An area in Alaska altered by wild fire which creates sharp-tailed grouse habitat.

So that’s it, I had solved the mystery! Later that year as August was coming to an end we would go sharp-tailed grouse hunting. Watson and I headed three hours north out of Anchorage, accompanied by my friend and his golden retriever, along with two more friends and their two young German Shorthaired Pointers. All three of those dogs were in their first seasons, and we would be counting on their youthful energy to help work the large expanse of the field, while Watson’s experience would be counted on to close the gaps and find downed birds.

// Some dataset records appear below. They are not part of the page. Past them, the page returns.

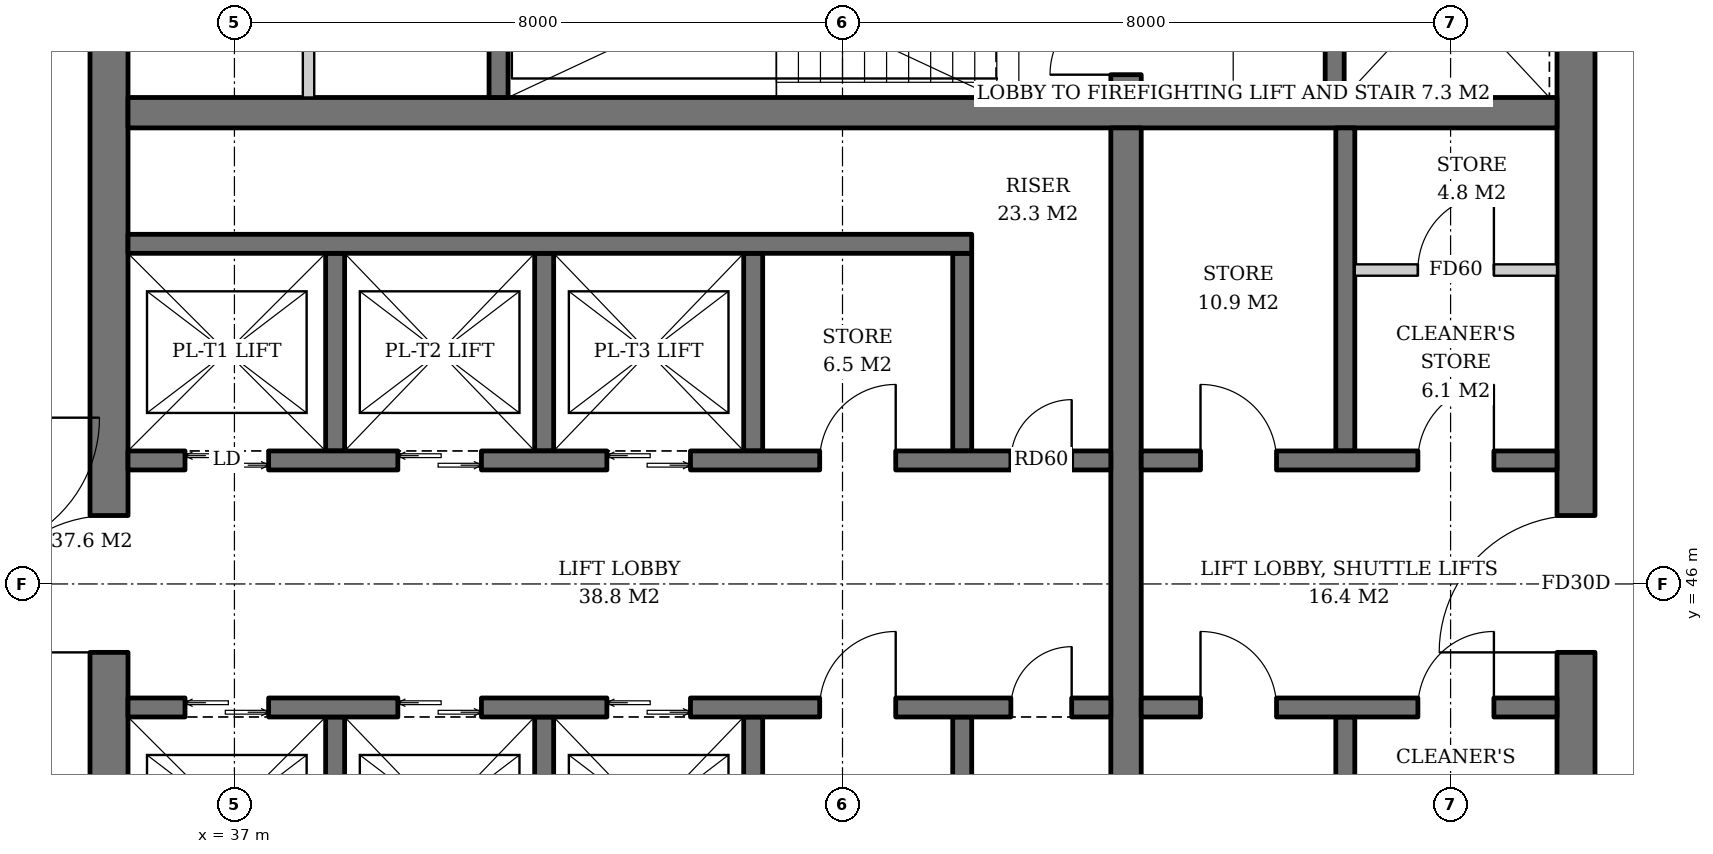
"""IFC4 building model, lengths in metres.
Left out: names, types, materials, properties, quantities, classifications, styles, units other than length and angle.
Written with IfcOpenShell. Run it as: python <this file> out.ifc"""

import sys

from ifc_helpers import new_model, si_unit, direction, frame, frame_2d, origin, place, context, subcontext, project, spatial, rectangle, extrude, element, fill, save


model = new_model("IFC4")
c1 = context("Model", 3, precision=1e-05, world=origin(), true_north=direction((0.0, 1.0)))
c2 = subcontext(c1, "Body", "Model", "MODEL_VIEW")
j1 = project(units=[si_unit("LENGTHUNIT", "METRE"), si_unit("PLANEANGLEUNIT", "RADIAN")], contexts=[c1])
p1 = place(None, origin())
s1 = spatial("IfcSite", under=j1, at=p1, CompositionType="ELEMENT")
p2 = place(p1, origin())
s2 = spatial("IfcBuilding", under=s1, at=p2, CompositionType="ELEMENT")
p3 = place(p2, frame((0.0, 0.0, 287.0)))
s3 = spatial("IfcBuildingStorey", under=s2, at=p3, CompositionType="ELEMENT", Elevation=287.0)
p4 = place(p3, frame((35.35, 36.6, 0.0), z_axis=(0.0, 0.0, 1.0), x_axis=(0.0, 1.0, 0.0)))
e1 = element("IfcWall", 1, at=p4, inside=s3, PredefinedType="SHEAR", context=c2, shape_type="SweptSolid", body=[
    extrude(rectangle(XDim=18.8, YDim=0.5, at=frame_2d((9.4, 0.0))), origin(), (0.0, 0.0, 1.0), 3.8),
])
p5 = place(p4, frame((8.5, 0.0, 0.0)))
e2 = element("IfcOpeningElement", 2, at=p5, cuts=e1, PredefinedType="OPENING", context=c2, shape_type="SweptSolid", body=[
    extrude(rectangle(XDim=1.8, YDim=2.4, at=frame_2d((0.9, 1.2))), frame((0.0, 0.26, 0.0), z_axis=(0.0, -1.0, 0.0), x_axis=(1.0, 0.0, 0.0)), (0.0, 0.0, 1.0), 0.52),
])
p6 = place(p3, frame((54.65, 36.6, 0.0), z_axis=(0.0, 0.0, 1.0), x_axis=(0.0, 1.0, 0.0)))
e3 = element("IfcWall", 3, at=p6, inside=s3, PredefinedType="SHEAR", context=c2, shape_type="SweptSolid", body=[
    extrude(rectangle(XDim=18.8, YDim=0.5, at=frame_2d((9.4, 0.0))), origin(), (0.0, 0.0, 1.0), 3.8),
])
p7 = place(p6, frame((8.5, 0.0, 0.0)))
e4 = element("IfcOpeningElement", 4, at=p7, cuts=e3, PredefinedType="OPENING", context=c2, shape_type="SweptSolid", body=[
    extrude(rectangle(XDim=1.8, YDim=2.4, at=frame_2d((0.9, 1.2))), frame((0.0, 0.26, 0.0), z_axis=(0.0, -1.0, 0.0), x_axis=(1.0, 0.0, 0.0)), (0.0, 0.0, 1.0), 0.52),
])
p8 = place(p3, frame((35.6, 52.2, 0.0), z_axis=(0.0, 0.0, 1.0), x_axis=(1.0, 0.0, 0.0)))
e5 = element("IfcWall", 5, at=p8, inside=s3, PredefinedType="SHEAR", context=c2, shape_type="SweptSolid", body=[
    extrude(rectangle(XDim=18.8, YDim=0.4, at=frame_2d((9.4, 0.0))), origin(), (0.0, 0.0, 1.0), 3.8),
])
p9 = place(p3, frame((48.73, 40.0, 0.0), z_axis=(0.0, 0.0, 1.0), x_axis=(0.0, 1.0, 0.0)))
e6 = element("IfcWall", 6, at=p9, inside=s3, PredefinedType="SHEAR", context=c2, shape_type="SweptSolid", body=[
    extrude(rectangle(XDim=12.0, YDim=0.4, at=frame_2d((6.0, 0.0))), origin(), (0.0, 0.0, 1.0), 3.8),
])
p10 = place(p3, frame((48.73, 52.4, 0.0), z_axis=(0.0, 0.0, 1.0), x_axis=(0.0, 1.0, 0.0)))
e7 = element("IfcWall", 7, at=p10, inside=s3, PredefinedType="SHEAR", context=c2, shape_type="SweptSolid", body=[
    extrude(rectangle(XDim=3.0, YDim=0.4, at=frame_2d((1.5, 0.0))), origin(), (0.0, 0.0, 1.0), 3.8),
])
p11 = place(p10, frame((0.3, 0.0, 0.0)))
e8 = element("IfcOpeningElement", 8, at=p11, cuts=e7, PredefinedType="OPENING", context=c2, shape_type="SweptSolid", body=[
    extrude(rectangle(XDim=1.0, YDim=2.1, at=frame_2d((0.5, 1.05))), frame((0.0, 0.21, 0.0), z_axis=(0.0, -1.0, 0.0), x_axis=(1.0, 0.0, 0.0)), (0.0, 0.0, 1.0), 0.42),
])
p12 = place(p3, frame((40.475, 52.4, 0.0), z_axis=(0.0, 0.0, 1.0), x_axis=(0.0, 1.0, 0.0)))
e9 = element("IfcWall", 9, at=p12, inside=s3, PredefinedType="SHEAR", context=c2, shape_type="SweptSolid", body=[
    extrude(rectangle(XDim=3.0, YDim=0.25, at=frame_2d((1.5, 0.0))), origin(), (0.0, 0.0, 1.0), 3.8),
])
p13 = place(p3, frame((51.475, 52.4, 0.0), z_axis=(0.0, 0.0, 1.0), x_axis=(0.0, 1.0, 0.0)))
e10 = element("IfcWall", 10, at=p13, inside=s3, PredefinedType="SHEAR", context=c2, shape_type="SweptSolid", body=[
    extrude(rectangle(XDim=3.0, YDim=0.25, at=frame_2d((1.5, 0.0))), origin(), (0.0, 0.0, 1.0), 3.8),
])
p14 = place(p13, frame((0.8, 0.0, 0.0)))
e11 = element("IfcOpeningElement", 11, at=p14, cuts=e10, PredefinedType="OPENING", context=c2, shape_type="SweptSolid", body=[
    extrude(rectangle(XDim=1.3, YDim=2.2, at=frame_2d((0.65, 1.1))), frame((0.0, 0.135, 0.0), z_axis=(0.0, -1.0, 0.0), x_axis=(1.0, 0.0, 0.0)), (0.0, 0.0, 1.0), 0.27),
])
for number, where, z_axis, x_axis in (
    (12, (38.325, 47.75, 0.0), (0.0, 0.0, 1.0), (0.0, 1.0, 0.0)),
    (13, (41.075, 47.75, 0.0), (0.0, 0.0, 1.0), (0.0, 1.0, 0.0)),
    (14, (43.825, 47.75, 0.0), (0.0, 0.0, 1.0), (0.0, 1.0, 0.0)),
    (15, (46.575, 47.75, 0.0), (0.0, 0.0, 1.0), (0.0, 1.0, 0.0)),
):
    element("IfcWall", number, at=place(p3, frame(where, z_axis=z_axis, x_axis=x_axis)), inside=s3, PredefinedType="SHEAR", context=c2, shape_type="SweptSolid", body=[
        extrude(rectangle(XDim=2.6, YDim=0.25, at=frame_2d((1.3, 0.0))), origin(), (0.0, 0.0, 1.0), 3.8),
    ])
p15 = place(p3, frame((35.6, 50.475, 0.0), z_axis=(0.0, 0.0, 1.0), x_axis=(1.0, 0.0, 0.0)))
e16 = element("IfcWall", 16, at=p15, inside=s3, PredefinedType="SHEAR", context=c2, shape_type="SweptSolid", body=[
    extrude(rectangle(XDim=11.1, YDim=0.25, at=frame_2d((5.55, 0.0))), origin(), (0.0, 0.0, 1.0), 3.8),
])
p16 = place(p3, frame((35.6, 47.625, 0.0), z_axis=(0.0, 0.0, 1.0), x_axis=(1.0, 0.0, 0.0)))
e17 = element("IfcWall", 17, at=p16, inside=s3, PredefinedType="SHEAR", context=c2, shape_type="SweptSolid", body=[
    extrude(rectangle(XDim=12.93, YDim=0.25, at=frame_2d((6.465, 0.0))), origin(), (0.0, 0.0, 1.0), 3.8),
])
p17 = place(p16, frame((0.75, 0.0, 0.0)))
e18 = element("IfcOpeningElement", 18, at=p17, cuts=e17, PredefinedType="OPENING", context=c2, shape_type="SweptSolid", body=[
    extrude(rectangle(XDim=1.1, YDim=2.2, at=frame_2d((0.55, 1.1))), frame((0.0, 0.135, 0.0), z_axis=(0.0, -1.0, 0.0), x_axis=(1.0, 0.0, 0.0)), (0.0, 0.0, 1.0), 0.27),
])
p18 = place(p16, frame((3.55, 0.0, 0.0)))
e19 = element("IfcOpeningElement", 19, at=p18, cuts=e17, PredefinedType="OPENING", context=c2, shape_type="SweptSolid", body=[
    extrude(rectangle(XDim=1.1, YDim=2.2, at=frame_2d((0.55, 1.1))), frame((0.0, 0.135, 0.0), z_axis=(0.0, -1.0, 0.0), x_axis=(1.0, 0.0, 0.0)), (0.0, 0.0, 1.0), 0.27),
])
p19 = place(p16, frame((6.3, 0.0, 0.0)))
e20 = element("IfcOpeningElement", 20, at=p19, cuts=e17, PredefinedType="OPENING", context=c2, shape_type="SweptSolid", body=[
    extrude(rectangle(XDim=1.1, YDim=2.2, at=frame_2d((0.55, 1.1))), frame((0.0, 0.135, 0.0), z_axis=(0.0, -1.0, 0.0), x_axis=(1.0, 0.0, 0.0)), (0.0, 0.0, 1.0), 0.27),
])
p20 = place(p16, frame((9.1, 0.0, 0.0)))
e21 = element("IfcOpeningElement", 21, at=p20, cuts=e17, PredefinedType="OPENING", context=c2, shape_type="SweptSolid", body=[
    extrude(rectangle(XDim=1.0, YDim=2.1, at=frame_2d((0.5, 1.05))), frame((0.0, 0.135, 0.0), z_axis=(0.0, -1.0, 0.0), x_axis=(1.0, 0.0, 0.0)), (0.0, 0.0, 1.0), 0.27),
])
p21 = place(p16, frame((11.615, 0.0, 0.0)))
e22 = element("IfcOpeningElement", 22, at=p21, cuts=e17, PredefinedType="OPENING", context=c2, shape_type="SweptSolid", body=[
    extrude(rectangle(XDim=0.8, YDim=2.0, at=frame_2d((0.4, 1.0))), frame((0.0, 0.135, 0.0), z_axis=(0.0, -1.0, 0.0), x_axis=(1.0, 0.0, 0.0)), (0.0, 0.0, 1.0), 0.27),
])
for number, where, z_axis, x_axis in (
    (23, (38.325, 44.25, 0.0), (0.0, 0.0, 1.0), (0.0, -1.0, 0.0)),
    (24, (41.075, 44.25, 0.0), (0.0, 0.0, 1.0), (0.0, -1.0, 0.0)),
    (25, (43.825, 44.25, 0.0), (0.0, 0.0, 1.0), (0.0, -1.0, 0.0)),
    (26, (46.575, 44.25, 0.0), (0.0, 0.0, 1.0), (0.0, -1.0, 0.0)),
):
    element("IfcWall", number, at=place(p3, frame(where, z_axis=z_axis, x_axis=x_axis)), inside=s3, PredefinedType="SHEAR", context=c2, shape_type="SweptSolid", body=[
        extrude(rectangle(XDim=2.6, YDim=0.25, at=frame_2d((1.3, 0.0))), origin(), (0.0, 0.0, 1.0), 3.8),
    ])
p22 = place(p3, frame((35.6, 44.375, 0.0), z_axis=(0.0, 0.0, 1.0), x_axis=(1.0, 0.0, 0.0)))
e27 = element("IfcWall", 27, at=p22, inside=s3, PredefinedType="SHEAR", context=c2, shape_type="SweptSolid", body=[
    extrude(rectangle(XDim=12.93, YDim=0.25, at=frame_2d((6.465, 0.0))), origin(), (0.0, 0.0, 1.0), 3.8),
])
p23 = place(p22, frame((0.75, 0.0, 0.0)))
e28 = element("IfcOpeningElement", 28, at=p23, cuts=e27, PredefinedType="OPENING", context=c2, shape_type="SweptSolid", body=[
    extrude(rectangle(XDim=1.1, YDim=2.2, at=frame_2d((0.55, 1.1))), frame((0.0, 0.135, 0.0), z_axis=(0.0, -1.0, 0.0), x_axis=(1.0, 0.0, 0.0)), (0.0, 0.0, 1.0), 0.27),
])
p24 = place(p22, frame((3.55, 0.0, 0.0)))
e29 = element("IfcOpeningElement", 29, at=p24, cuts=e27, PredefinedType="OPENING", context=c2, shape_type="SweptSolid", body=[
    extrude(rectangle(XDim=1.1, YDim=2.2, at=frame_2d((0.55, 1.1))), frame((0.0, 0.135, 0.0), z_axis=(0.0, -1.0, 0.0), x_axis=(1.0, 0.0, 0.0)), (0.0, 0.0, 1.0), 0.27),
])
p25 = place(p22, frame((6.3, 0.0, 0.0)))
e30 = element("IfcOpeningElement", 30, at=p25, cuts=e27, PredefinedType="OPENING", context=c2, shape_type="SweptSolid", body=[
    extrude(rectangle(XDim=1.1, YDim=2.2, at=frame_2d((0.55, 1.1))), frame((0.0, 0.135, 0.0), z_axis=(0.0, -1.0, 0.0), x_axis=(1.0, 0.0, 0.0)), (0.0, 0.0, 1.0), 0.27),
])
p26 = place(p22, frame((9.1, 0.0, 0.0)))
e31 = element("IfcOpeningElement", 31, at=p26, cuts=e27, PredefinedType="OPENING", context=c2, shape_type="SweptSolid", body=[
    extrude(rectangle(XDim=1.0, YDim=2.1, at=frame_2d((0.5, 1.05))), frame((0.0, 0.135, 0.0), z_axis=(0.0, -1.0, 0.0), x_axis=(1.0, 0.0, 0.0)), (0.0, 0.0, 1.0), 0.27),
])
p27 = place(p22, frame((11.615, 0.0, 0.0)))
e32 = element("IfcOpeningElement", 32, at=p27, cuts=e27, PredefinedType="OPENING", context=c2, shape_type="SweptSolid", body=[
    extrude(rectangle(XDim=0.8, YDim=2.0, at=frame_2d((0.4, 1.0))), frame((0.0, 0.135, 0.0), z_axis=(0.0, -1.0, 0.0), x_axis=(1.0, 0.0, 0.0)), (0.0, 0.0, 1.0), 0.27),
])
p28 = place(p3, frame((51.615, 47.75, 0.0), z_axis=(0.0, 0.0, 1.0), x_axis=(0.0, 1.0, 0.0)))
e33 = element("IfcWall", 33, at=p28, inside=s3, PredefinedType="SHEAR", context=c2, shape_type="SweptSolid", body=[
    extrude(rectangle(XDim=4.25, YDim=0.25, at=frame_2d((2.125, 0.0))), origin(), (0.0, 0.0, 1.0), 3.8),
])
p29 = place(p3, frame((48.93, 47.625, 0.0), z_axis=(0.0, 0.0, 1.0), x_axis=(1.0, 0.0, 0.0)))
e34 = element("IfcWall", 34, at=p29, inside=s3, PredefinedType="SHEAR", context=c2, shape_type="SweptSolid", body=[
    extrude(rectangle(XDim=5.47, YDim=0.25, at=frame_2d((2.735, 0.0))), origin(), (0.0, 0.0, 1.0), 3.8),
])
p30 = place(p29, frame((0.78, 0.0, 0.0)))
e35 = element("IfcOpeningElement", 35, at=p30, cuts=e34, PredefinedType="OPENING", context=c2, shape_type="SweptSolid", body=[
    extrude(rectangle(XDim=1.0, YDim=2.1, at=frame_2d((0.5, 1.05))), frame((0.0, 0.135, 0.0), z_axis=(0.0, -1.0, 0.0), x_axis=(1.0, 0.0, 0.0)), (0.0, 0.0, 1.0), 0.27),
])
p31 = place(p29, frame((3.64, 0.0, 0.0)))
e36 = element("IfcOpeningElement", 36, at=p31, cuts=e34, PredefinedType="OPENING", context=c2, shape_type="SweptSolid", body=[
    extrude(rectangle(XDim=1.0, YDim=2.1, at=frame_2d((0.5, 1.05))), frame((0.0, 0.135, 0.0), z_axis=(0.0, -1.0, 0.0), x_axis=(1.0, 0.0, 0.0)), (0.0, 0.0, 1.0), 0.27),
])
p32 = place(p3, frame((51.615, 44.25, 0.0), z_axis=(0.0, 0.0, 1.0), x_axis=(0.0, -1.0, 0.0)))
e37 = element("IfcWall", 37, at=p32, inside=s3, PredefinedType="SHEAR", context=c2, shape_type="SweptSolid", body=[
    extrude(rectangle(XDim=4.25, YDim=0.25, at=frame_2d((2.125, 0.0))), origin(), (0.0, 0.0, 1.0), 3.8),
])
p33 = place(p3, frame((48.93, 44.375, 0.0), z_axis=(0.0, 0.0, 1.0), x_axis=(1.0, 0.0, 0.0)))
e38 = element("IfcWall", 38, at=p33, inside=s3, PredefinedType="SHEAR", context=c2, shape_type="SweptSolid", body=[
    extrude(rectangle(XDim=5.47, YDim=0.25, at=frame_2d((2.735, 0.0))), origin(), (0.0, 0.0, 1.0), 3.8),
])
p34 = place(p33, frame((0.78, 0.0, 0.0)))
e39 = element("IfcOpeningElement", 39, at=p34, cuts=e38, PredefinedType="OPENING", context=c2, shape_type="SweptSolid", body=[
    extrude(rectangle(XDim=1.0, YDim=2.1, at=frame_2d((0.5, 1.05))), frame((0.0, 0.135, 0.0), z_axis=(0.0, -1.0, 0.0), x_axis=(1.0, 0.0, 0.0)), (0.0, 0.0, 1.0), 0.27),
])
p35 = place(p33, frame((3.64, 0.0, 0.0)))
e40 = element("IfcOpeningElement", 40, at=p35, cuts=e38, PredefinedType="OPENING", context=c2, shape_type="SweptSolid", body=[
    extrude(rectangle(XDim=1.0, YDim=2.1, at=frame_2d((0.5, 1.05))), frame((0.0, 0.135, 0.0), z_axis=(0.0, -1.0, 0.0), x_axis=(1.0, 0.0, 0.0)), (0.0, 0.0, 1.0), 0.27),
])
p36 = place(p3, frame((37.975, 52.4, 0.0), z_axis=(0.0, 0.0, 1.0), x_axis=(0.0, 1.0, 0.0)))
e41 = element("IfcWall", 41, at=p36, inside=s3, PredefinedType="SOLIDWALL", context=c2, shape_type="SweptSolid", body=[
    extrude(rectangle(XDim=3.0, YDim=0.15, at=frame_2d((1.5, 0.0))), origin(), (0.0, 0.0, 1.0), 3.55),
])
p37 = place(p3, frame((51.74, 50.13, 0.0), z_axis=(0.0, 0.0, 1.0), x_axis=(1.0, 0.0, 0.0)))
e42 = element("IfcWall", 42, at=p37, inside=s3, PredefinedType="SOLIDWALL", context=c2, shape_type="SweptSolid", body=[
    extrude(rectangle(XDim=2.66, YDim=0.15, at=frame_2d((1.33, 0.0))), origin(), (0.0, 0.0, 1.0), 3.55),
])
p38 = place(p37, frame((0.83, 0.0, 0.0)))
e43 = element("IfcOpeningElement", 43, at=p38, cuts=e42, PredefinedType="OPENING", context=c2, shape_type="SweptSolid", body=[
    extrude(rectangle(XDim=1.0, YDim=2.1, at=frame_2d((0.5, 1.05))), frame((0.0, 0.085, 0.0), z_axis=(0.0, -1.0, 0.0), x_axis=(1.0, 0.0, 0.0)), (0.0, 0.0, 1.0), 0.17),
])
p39 = place(p17, origin())
e44 = element("IfcDoor", 44, at=p39, inside=s3, OperationType="DOUBLE_DOOR_SLIDING", PredefinedType="DOOR", context=c2, shape_type="SweptSolid", body=[
    extrude(rectangle(XDim=1.1, YDim=2.2, at=frame_2d((0.55, 1.1))), frame((0.0, 0.025, 0.0), z_axis=(0.0, -1.0, 0.0), x_axis=(1.0, 0.0, 0.0)), (0.0, 0.0, 1.0), 0.05),
])
fill(e18, e44)
p40 = place(p18, origin())
e45 = element("IfcDoor", 45, at=p40, inside=s3, OperationType="DOUBLE_DOOR_SLIDING", PredefinedType="DOOR", context=c2, shape_type="SweptSolid", body=[
    extrude(rectangle(XDim=1.1, YDim=2.2, at=frame_2d((0.55, 1.1))), frame((0.0, 0.025, 0.0), z_axis=(0.0, -1.0, 0.0), x_axis=(1.0, 0.0, 0.0)), (0.0, 0.0, 1.0), 0.05),
])
fill(e19, e45)
p41 = place(p19, origin())
e46 = element("IfcDoor", 46, at=p41, inside=s3, OperationType="DOUBLE_DOOR_SLIDING", PredefinedType="DOOR", context=c2, shape_type="SweptSolid", body=[
    extrude(rectangle(XDim=1.1, YDim=2.2, at=frame_2d((0.55, 1.1))), frame((0.0, 0.025, 0.0), z_axis=(0.0, -1.0, 0.0), x_axis=(1.0, 0.0, 0.0)), (0.0, 0.0, 1.0), 0.05),
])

Our plan was simple: work the field into the wind in the last few hours of the day when the birds should be more active and see what happens. We pulled onto an old gravel turnout, got the dogs ready, spread ourselves out and got to it. We methodically worked over the entire area. Dogs were worked along every edge, near every water source, and the GSPs blanketed the open space leaving no patch of prairie grass or willow untouched.

The ground was remarkably flat and yet still wild, with no even footing under any step. There were many overturned stumps and rutted up patches of ground where a bear had been digging for something it never seemed to find. After hours of work, our dogs were near the end of their day and we were just as tired, with not a single flush to show for it. I called our group together to come up with a plan for our last remaining bit of daylight. The arrogance of my thought that I had this riddle solved was crushed and discarded, and I was confident the grouse had won the day somewhere else in Alaska’s vastness. We had one last patch of ground to hit on our way back to the vehicles, so we half-heartedly set out towards it.

Whether the birds we found had been hiding there the whole time or had moved there around our movements, we’ll never know. Moments into our last walk, Watson lit up with the manner that I know as certainly as anything else, and before we were ready, a sequence of six sharptails burst from the scrubby willow brush. Our shooting wasn’t great, but it was good enough to get a bird for both Watson and Cilo, the young golden retriever.

We gathered to admire our finds, and I was both relieved and excited that we had found them. This certainly wasn’t our first sharp-tailed grouse, but to find them in a place as wild as Alaska feels extra special. As we held our quick little conference, my friend pointed out towards the middle of the field at a sight I had never seen before. In the last hour of daylight, we watched in awe as dozens of sharptails descended upon the field like ducks coming to roost. We made a quick move to get after a small group that had set down in a reachable distance, and after some short work the pair of GSPs locked down on points. After another round of even worse shooting, we managed to bring another pair to the ground, although countless more made it out safely.

A group of bird dogs with a sharp-tailed grouse in Alaska.

We would return to that field once more later in the season, and would find only three grouse holding residency. It seems the more I look for them, Alaska’s sharptails seem more mysterious. They hold many of the same traits as sharptails everywhere else. They dance on leks during their spring courtships, they feed on much of the same forage as their counterparts in the Lower 48, and their manners in the field and on the wing are much the same, right down to the mocking laughter on the flush.

Yet in Alaska, they are intrinsically tied to the unpredictable and wild nature of the landscape. There are no WMAs, hunter access plots, grazing cattle, and almost no agriculture–all constant factors that shape the landscape of sharptails in other areas. In Alaska they are birds of fire, and they go where the fire brings them. Much of that space exists where we’ll never get to them, and they’ll be free to hide and travel in that landscape until we can scratch at them in the few places we can reach.